With 10 defencemen on the Canucks with one-way contracts, however, Lukowich was assigned by the Canucks to the Texas Stars of the American Hockey League (AHL). He was recalled on January 1, 2010, due to an injury to defenceman Kevin Bieksa. He subsequently scored his first goal as a Canuck, as well as his first in 111 NHL games overall, on January 25, a game-winner in a 3–2 win against the Buffalo Sabres.

In June 2013, Lukowich signed a contract with the Western Hockey League's Lethbridge Hurricanes to become the team's assistant coach. He was dismissed in February 2014, which led to a wrongful dismissal suit launched in April. The suit was settled in August 2014, with the Hurricanes issuing a statement that Lukowich had not been fired with cause.

==Personal life==
Lukowich and his wife Cara have two daughters. His father, Bernie Lukowich, played two seasons in the NHL with the St. Louis Blues and Pittsburgh Penguins, as well as 21 games with the Calgary Cowboys of the World Hockey Association (WHA), while his cousin Morris Lukowich played 582 games in the NHL and 228 games in the WHA.

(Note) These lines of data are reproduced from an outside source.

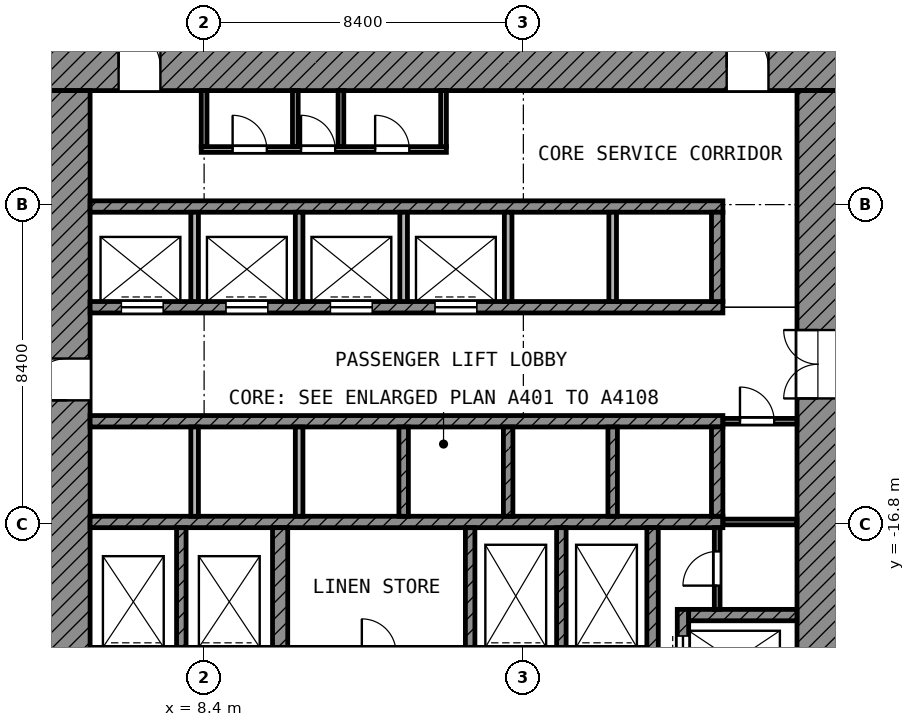
"""IFC4 building model, lengths in metres.
Left out: names, types, materials, properties, quantities, classifications, styles, units other than length and angle.
Written with IfcOpenShell. Run it as: python <this file> out.ifc"""

import sys

from ifc_helpers import new_model, si_unit, direction, frame, frame_2d, origin, place, context, subcontext, project, spatial, rectangle, extrude, element, fill, save


model = new_model("IFC4")
c1 = context("Model", 3, precision=1e-05, world=origin(), true_north=direction((0.0, 1.0)))
c2 = subcontext(c1, "Body", "Model", "MODEL_VIEW")
j1 = project(units=[si_unit("LENGTHUNIT", "METRE"), si_unit("PLANEANGLEUNIT", "RADIAN")], contexts=[c1])
p1 = place(None, origin())
s1 = spatial("IfcSite", under=j1, at=p1, CompositionType="ELEMENT")
p2 = place(p1, origin())
s2 = spatial("IfcBuilding", under=s1, at=p2, CompositionType="ELEMENT")
p3 = place(p2, frame((0.0, 0.0, 77.0)))
s3 = spatial("IfcBuildingStorey", under=s2, at=p3, CompositionType="ELEMENT", Elevation=77.0)
p4 = place(p3, frame((4.2, -4.8, 0.0), z_axis=(0.0, 0.0, 1.0), x_axis=(1.0, 0.0, 0.0)))
e1 = element("IfcWall", 1, at=p4, inside=s3, PredefinedType="SHEAR", context=c2, shape_type="SweptSolid", body=[
    extrude(rectangle(XDim=20.9, YDim=1.2, at=frame_2d((10.45, 0.0))), origin(), (0.0, 0.0, 1.0), 3.9),
])
p5 = place(p4, frame((1.95, 0.0, 0.0)))
e2 = element("IfcOpeningElement", 2, at=p5, cuts=e1, PredefinedType="OPENING", context=c2, shape_type="SweptSolid", body=[
    extrude(rectangle(XDim=1.1, YDim=2.1, at=frame_2d((0.55, 1.05))), frame((0.0, 0.61, 0.0), z_axis=(0.0, -1.0, 0.0), x_axis=(1.0, 0.0, 0.0)), (0.0, 0.0, 1.0), 1.22),
])
p6 = place(p4, frame((17.95, 0.0, 0.0)))
e3 = element("IfcOpeningElement", 3, at=p6, cuts=e1, PredefinedType="OPENING", context=c2, shape_type="SweptSolid", body=[
    extrude(rectangle(XDim=1.1, YDim=2.1, at=frame_2d((0.55, 1.05))), frame((0.0, 0.61, 0.0), z_axis=(0.0, -1.0, 0.0), x_axis=(1.0, 0.0, 0.0)), (0.0, 0.0, 1.0), 1.22),
])
p7 = place(p3, frame((4.8, -25.1, 0.0), z_axis=(0.0, 0.0, 1.0), x_axis=(0.0, 1.0, 0.0)))
e4 = element("IfcWall", 4, at=p7, inside=s3, PredefinedType="SHEAR", context=c2, shape_type="SweptSolid", body=[
    extrude(rectangle(XDim=19.7, YDim=1.2, at=frame_2d((9.85, 0.0))), origin(), (0.0, 0.0, 1.0), 3.9),
])
p8 = place(p7, frame((11.55, 0.0, 0.0)))
e5 = element("IfcOpeningElement", 5, at=p8, cuts=e4, PredefinedType="OPENING", context=c2, shape_type="SweptSolid", body=[
    extrude(rectangle(XDim=1.1, YDim=2.1, at=frame_2d((0.55, 1.05))), frame((0.0, 0.61, 0.0), z_axis=(0.0, -1.0, 0.0), x_axis=(1.0, 0.0, 0.0)), (0.0, 0.0, 1.0), 1.22),
])
p9 = place(p7, frame((2.25, 0.0, 0.0)))
e6 = element("IfcOpeningElement", 6, at=p9, cuts=e4, PredefinedType="OPENING", context=c2, shape_type="SweptSolid", body=[
    extrude(rectangle(XDim=1.1, YDim=2.1, at=frame_2d((0.55, 1.05))), frame((0.0, 0.61, 0.0), z_axis=(0.0, -1.0, 0.0), x_axis=(1.0, 0.0, 0.0)), (0.0, 0.0, 1.0), 1.22),
])
p10 = place(p3, frame((24.55, -24.0, 0.0), z_axis=(0.0, 0.0, 1.0), x_axis=(0.0, 1.0, 0.0)))
e7 = element("IfcWall", 7, at=p10, inside=s3, PredefinedType="SHEAR", context=c2, shape_type="SweptSolid", body=[
    extrude(rectangle(XDim=18.6, YDim=1.1, at=frame_2d((9.3, 0.0))), origin(), (0.0, 0.0, 1.0), 3.9),
])
p11 = place(p10, frame((10.5, 0.0, 0.0)))
e8 = element("IfcOpeningElement", 8, at=p11, cuts=e7, PredefinedType="OPENING", context=c2, shape_type="SweptSolid", body=[
    extrude(rectangle(XDim=1.8, YDim=2.1, at=frame_2d((0.9, 1.05))), frame((0.0, 0.56, 0.0), z_axis=(0.0, -1.0, 0.0), x_axis=(1.0, 0.0, 0.0)), (0.0, 0.0, 1.0), 1.12),
])
p12 = place(p3, frame((5.4, -8.45, 0.0), z_axis=(0.0, 0.0, 1.0), x_axis=(1.0, 0.0, 0.0)))
e9 = element("IfcWall", 9, at=p12, inside=s3, PredefinedType="SHEAR", context=c2, shape_type="SweptSolid", body=[
    extrude(rectangle(XDim=16.65, YDim=0.3, at=frame_2d((8.325, 0.0))), origin(), (0.0, 0.0, 1.0), 3.9),
])
p13 = place(p3, frame((5.4, -11.1, 0.0), z_axis=(0.0, 0.0, 1.0), x_axis=(1.0, 0.0, 0.0)))
e10 = element("IfcWall", 10, at=p13, inside=s3, PredefinedType="SHEAR", context=c2, shape_type="SweptSolid", body=[
    extrude(rectangle(XDim=16.65, YDim=0.3, at=frame_2d((8.325, 0.0))), origin(), (0.0, 0.0, 1.0), 3.9),
])
p14 = place(p13, frame((0.825, 0.0, 0.0)))
e11 = element("IfcOpeningElement", 11, at=p14, cuts=e10, PredefinedType="OPENING", context=c2, shape_type="SweptSolid", body=[
    extrude(rectangle(XDim=1.1, YDim=2.1, at=frame_2d((0.55, 1.05))), frame((0.0, 0.16, 0.0), z_axis=(0.0, -1.0, 0.0), x_axis=(1.0, 0.0, 0.0)), (0.0, 0.0, 1.0), 0.32),
])
p15 = place(p13, frame((3.575, 0.0, 0.0)))
e12 = element("IfcOpeningElement", 12, at=p15, cuts=e10, PredefinedType="OPENING", context=c2, shape_type="SweptSolid", body=[
    extrude(rectangle(XDim=1.1, YDim=2.1, at=frame_2d((0.55, 1.05))), frame((0.0, 0.16, 0.0), z_axis=(0.0, -1.0, 0.0), x_axis=(1.0, 0.0, 0.0)), (0.0, 0.0, 1.0), 0.32),
])
p16 = place(p13, frame((6.325, 0.0, 0.0)))
e13 = element("IfcOpeningElement", 13, at=p16, cuts=e10, PredefinedType="OPENING", context=c2, shape_type="SweptSolid", body=[
    extrude(rectangle(XDim=1.1, YDim=2.1, at=frame_2d((0.55, 1.05))), frame((0.0, 0.16, 0.0), z_axis=(0.0, -1.0, 0.0), x_axis=(1.0, 0.0, 0.0)), (0.0, 0.0, 1.0), 0.32),
])
p17 = place(p13, frame((9.075, 0.0, 0.0)))
e14 = element("IfcOpeningElement", 14, at=p17, cuts=e10, PredefinedType="OPENING", context=c2, shape_type="SweptSolid", body=[
    extrude(rectangle(XDim=1.1, YDim=2.1, at=frame_2d((0.55, 1.05))), frame((0.0, 0.16, 0.0), z_axis=(0.0, -1.0, 0.0), x_axis=(1.0, 0.0, 0.0)), (0.0, 0.0, 1.0), 0.32),
])
for number, where, z_axis, x_axis in (
    (15, (5.4, -14.1, 0.0), (0.0, 0.0, 1.0), (1.0, 0.0, 0.0)),
    (16, (5.4, -16.75, 0.0), (0.0, 0.0, 1.0), (1.0, 0.0, 0.0)),
):
    element("IfcWall", number, at=place(p3, frame(where, z_axis=z_axis, x_axis=x_axis)), inside=s3, PredefinedType="SHEAR", context=c2, shape_type="SweptSolid", body=[
        extrude(rectangle(XDim=16.65, YDim=0.3, at=frame_2d((8.325, 0.0))), origin(), (0.0, 0.0, 1.0), 3.9),
    ])
p18 = place(p3, frame((5.4, -20.2, 0.0), z_axis=(0.0, 0.0, 1.0), x_axis=(1.0, 0.0, 0.0)))
e17 = element("IfcWall", 17, at=p18, inside=s3, PredefinedType="SHEAR", context=c2, shape_type="SweptSolid", body=[
    extrude(rectangle(XDim=14.65, YDim=0.3, at=frame_2d((7.325, 0.0))), origin(), (0.0, 0.0, 1.0), 3.9),
])
p19 = place(p18, frame((10.55, 0.0, 0.0)))
e18 = element("IfcOpeningElement", 18, at=p19, cuts=e17, PredefinedType="OPENING", context=c2, shape_type="SweptSolid", body=[
    extrude(rectangle(XDim=1.3, YDim=2.1, at=frame_2d((0.65, 1.05))), frame((0.0, 0.16, 0.0), z_axis=(0.0, -1.0, 0.0), x_axis=(1.0, 0.0, 0.0)), (0.0, 0.0, 1.0), 0.32),
])
p20 = place(p18, frame((12.95, 0.0, 0.0)))
e19 = element("IfcOpeningElement", 19, at=p20, cuts=e17, PredefinedType="OPENING", context=c2, shape_type="SweptSolid", body=[
    extrude(rectangle(XDim=1.3, YDim=2.1, at=frame_2d((0.65, 1.05))), frame((0.0, 0.16, 0.0), z_axis=(0.0, -1.0, 0.0), x_axis=(1.0, 0.0, 0.0)), (0.0, 0.0, 1.0), 0.32),
])
p21 = place(p18, frame((0.55, 0.0, 0.0)))
e20 = element("IfcOpeningElement", 20, at=p21, cuts=e17, PredefinedType="OPENING", context=c2, shape_type="SweptSolid", body=[
    extrude(rectangle(XDim=1.3, YDim=2.1, at=frame_2d((0.65, 1.05))), frame((0.0, 0.16, 0.0), z_axis=(0.0, -1.0, 0.0), x_axis=(1.0, 0.0, 0.0)), (0.0, 0.0, 1.0), 0.32),
])
p22 = place(p18, frame((2.95, 0.0, 0.0)))
e21 = element("IfcOpeningElement", 21, at=p22, cuts=e17, PredefinedType="OPENING", context=c2, shape_type="SweptSolid", body=[
    extrude(rectangle(XDim=1.3, YDim=2.1, at=frame_2d((0.65, 1.05))), frame((0.0, 0.16, 0.0), z_axis=(0.0, -1.0, 0.0), x_axis=(1.0, 0.0, 0.0)), (0.0, 0.0, 1.0), 0.32),
])
p23 = place(p18, frame((7.15, 0.0, 0.0)))
e22 = element("IfcOpeningElement", 22, at=p23, cuts=e17, PredefinedType="OPENING", context=c2, shape_type="SweptSolid", body=[
    extrude(rectangle(XDim=0.9, YDim=2.1, at=frame_2d((0.45, 1.05))), frame((0.0, 0.16, 0.0), z_axis=(0.0, -1.0, 0.0), x_axis=(1.0, 0.0, 0.0)), (0.0, 0.0, 1.0), 0.32),
])
p24 = place(p3, frame((10.4, -20.05, 0.0), z_axis=(0.0, 0.0, 1.0), x_axis=(0.0, 1.0, 0.0)))
e23 = element("IfcWall", 23, at=p24, inside=s3, PredefinedType="SHEAR", context=c2, shape_type="SweptSolid", body=[
    extrude(rectangle(XDim=3.15, YDim=0.4, at=frame_2d((1.575, 0.0))), origin(), (0.0, 0.0, 1.0), 3.9),
])
p25 = place(p3, frame((20.2, -20.35, 0.0), z_axis=(0.0, 0.0, 1.0), x_axis=(0.0, 1.0, 0.0)))
e24 = element("IfcWall", 24, at=p25, inside=s3, PredefinedType="SHEAR", context=c2, shape_type="SweptSolid", body=[
    extrude(rectangle(XDim=3.45, YDim=0.3, at=frame_2d((1.725, 0.0))), origin(), (0.0, 0.0, 1.0), 3.9),
])
p26 = place(p3, frame((21.9, -10.95, 0.0), z_axis=(0.0, 0.0, 1.0), x_axis=(0.0, 1.0, 0.0)))
e25 = element("IfcWall", 25, at=p26, inside=s3, PredefinedType="SHEAR", context=c2, shape_type="SweptSolid", body=[
    extrude(rectangle(XDim=2.35, YDim=0.3, at=frame_2d((1.175, 0.0))), origin(), (0.0, 0.0, 1.0), 3.9),
])
p27 = place(p3, frame((21.9, -16.6, 0.0), z_axis=(0.0, 0.0, 1.0), x_axis=(0.0, 1.0, 0.0)))
e26 = element("IfcWall", 26, at=p27, inside=s3, PredefinedType="SHEAR", context=c2, shape_type="SweptSolid", body=[
    extrude(rectangle(XDim=2.35, YDim=0.3, at=frame_2d((1.175, 0.0))), origin(), (0.0, 0.0, 1.0), 3.9),
])
p28 = place(p3, frame((21.15, -19.2, 0.0), z_axis=(0.0, 0.0, 1.0), x_axis=(1.0, 0.0, 0.0)))
e27 = element("IfcWall", 27, at=p28, inside=s3, PredefinedType="SHEAR", context=c2, shape_type="SweptSolid", body=[
    extrude(rectangle(XDim=2.85, YDim=0.3, at=frame_2d((1.425, 0.0))), origin(), (0.0, 0.0, 1.0), 3.9),
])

Lukowich resides in the Dallas/Fort Worth Metroplex, where he is in charge of hockey programs at local StarCenter ice rinks.

==Career statistics==
===Regular season and playoffs===
| | | Regular season | | Playoffs | | | | | | | | |
| Season | Team | League | GP | G | A | Pts | PIM | GP | G | A | Pts | PIM |
| 1992–93 | Kamloops Blazers | WHL | 1 | 0 | 0 | 0 | 0 | — | — | — | — | — |
| 1993–94 | Kamloops Blazers | WHL | 42 | 5 | 11 | 16 | 168 | 16 | 0 | 1 | 1 | 35 |
| 1994–95 | Kamloops Blazers | WHL | 63 | 10 | 35 | 45 | 125 | 18 | 0 | 7 | 7 | 21 |
| 1995–96 | Kamloops Blazers | WHL | 65 | 14 | 55 | 69 | 114 | 13 | 2 | 10 | 12 | 29 |
| 1996–97 | Michigan K-Wings | IHL | 69 | 2 | 6 | 8 | 77 | 4 | 0 | 1 | 1 | 2 |
| 1997–98 | Michigan K-Wings | IHL | 60 | 6 | 27 | 33 | 104 | 4 | 0 | 4 | 4 | 14 |
| 1997–98 | Dallas Stars | NHL | 4 | 0 | 1 | 1 | 2 | — | — | — | — | — |
| 1998–99 | Michigan K-Wings | IHL | 67 | 8 | 21 | 29 | 95 | — | — | — | — | — |
| 1998–99 | Dallas Stars | NHL | 14 | 1 | 2 | 3 | 19 | 8 | 0 | 1 | 1 | 4 |
| 1999–00 | Dallas Stars | NHL | 60 | 3 | 1 | 4 | 50 | — | — | — | — | — |
| 2000–01 | Dallas Stars | NHL | 80 | 4 | 10 | 14 | 76 | 10 | 1 | 0 | 1 | 4 |
| 2001–02 | Dallas Stars | NHL | 66 | 1 | 6 | 7 | 40 | — | — | — | — | — |
| 2002–03 | Tampa Bay Lightning | NHL | 70 | 1 | 14 | 15 | 46 | 9 | 0 | 1 | 1 | 2 |
| 2003–04 | Tampa Bay Lightning | NHL | 79 | 5 | 14 | 19 | 24 | 18 | 0 | 2 | 2 | 6 |
| 2004–05 | Fort Worth Brahmas | CHL | 16 | 3 | 5 | 8 | 33 | — | — | — | — | — |
| 2005–06 | New York Islanders | NHL | 57 | 1 | 12 | 13 | 32 | — | — | — | — | — |
| 2005–06 | New Jersey Devils | NHL | 18 | 1 | 7 | 8 | 8 | 9 | 0 | 0 | 0 | 4 |
| 2006–07 | New Jersey Devils | NHL | 75 | 4 | 8 | 12 | 36 | 11 | 0 | 1 | 1 | 2 |
| 2007–08 | Tampa Bay Lightning | NHL | 59 | 1 | 6 | 7 | 20 | — | — | — | — | — |
| 2008–09 | San Jose Sharks | NHL | 58 | 0 | 8 | 8 | 12 | 6 | 0 | 0 | 0 | 0 |
| 2009–10 | Texas Stars | AHL | 29 | 3 | 15 | 18 | 10 | — | — | — | — | — |
| 2009–10 | Vancouver Canucks | NHL | 13 | 1 | 1 | 2 | 4 | — | — | — | — | — |
| 2010–11 | Texas Stars | AHL | 67 | 4 | 23 | 27 | 59 | 6 | 1 | 0 | 1 | 2 |
| 2010–11 | Dallas Stars | NHL | 5 | 0 | 0 | 0 | 0 | — | — | — | — | — |
| 2011–12 | Texas Stars | AHL | 67 | 4 | 22 | 26 | 40 | — | — | — | — | — |
| NHL totals | 658 | 23 | 90 | 113 | 369 | 71 | 1 | 5 | 6 | 22 | | |

==Awards==
- Won the Stanley Cup with the Dallas Stars in 1999 and the Tampa Bay Lightning in 2004.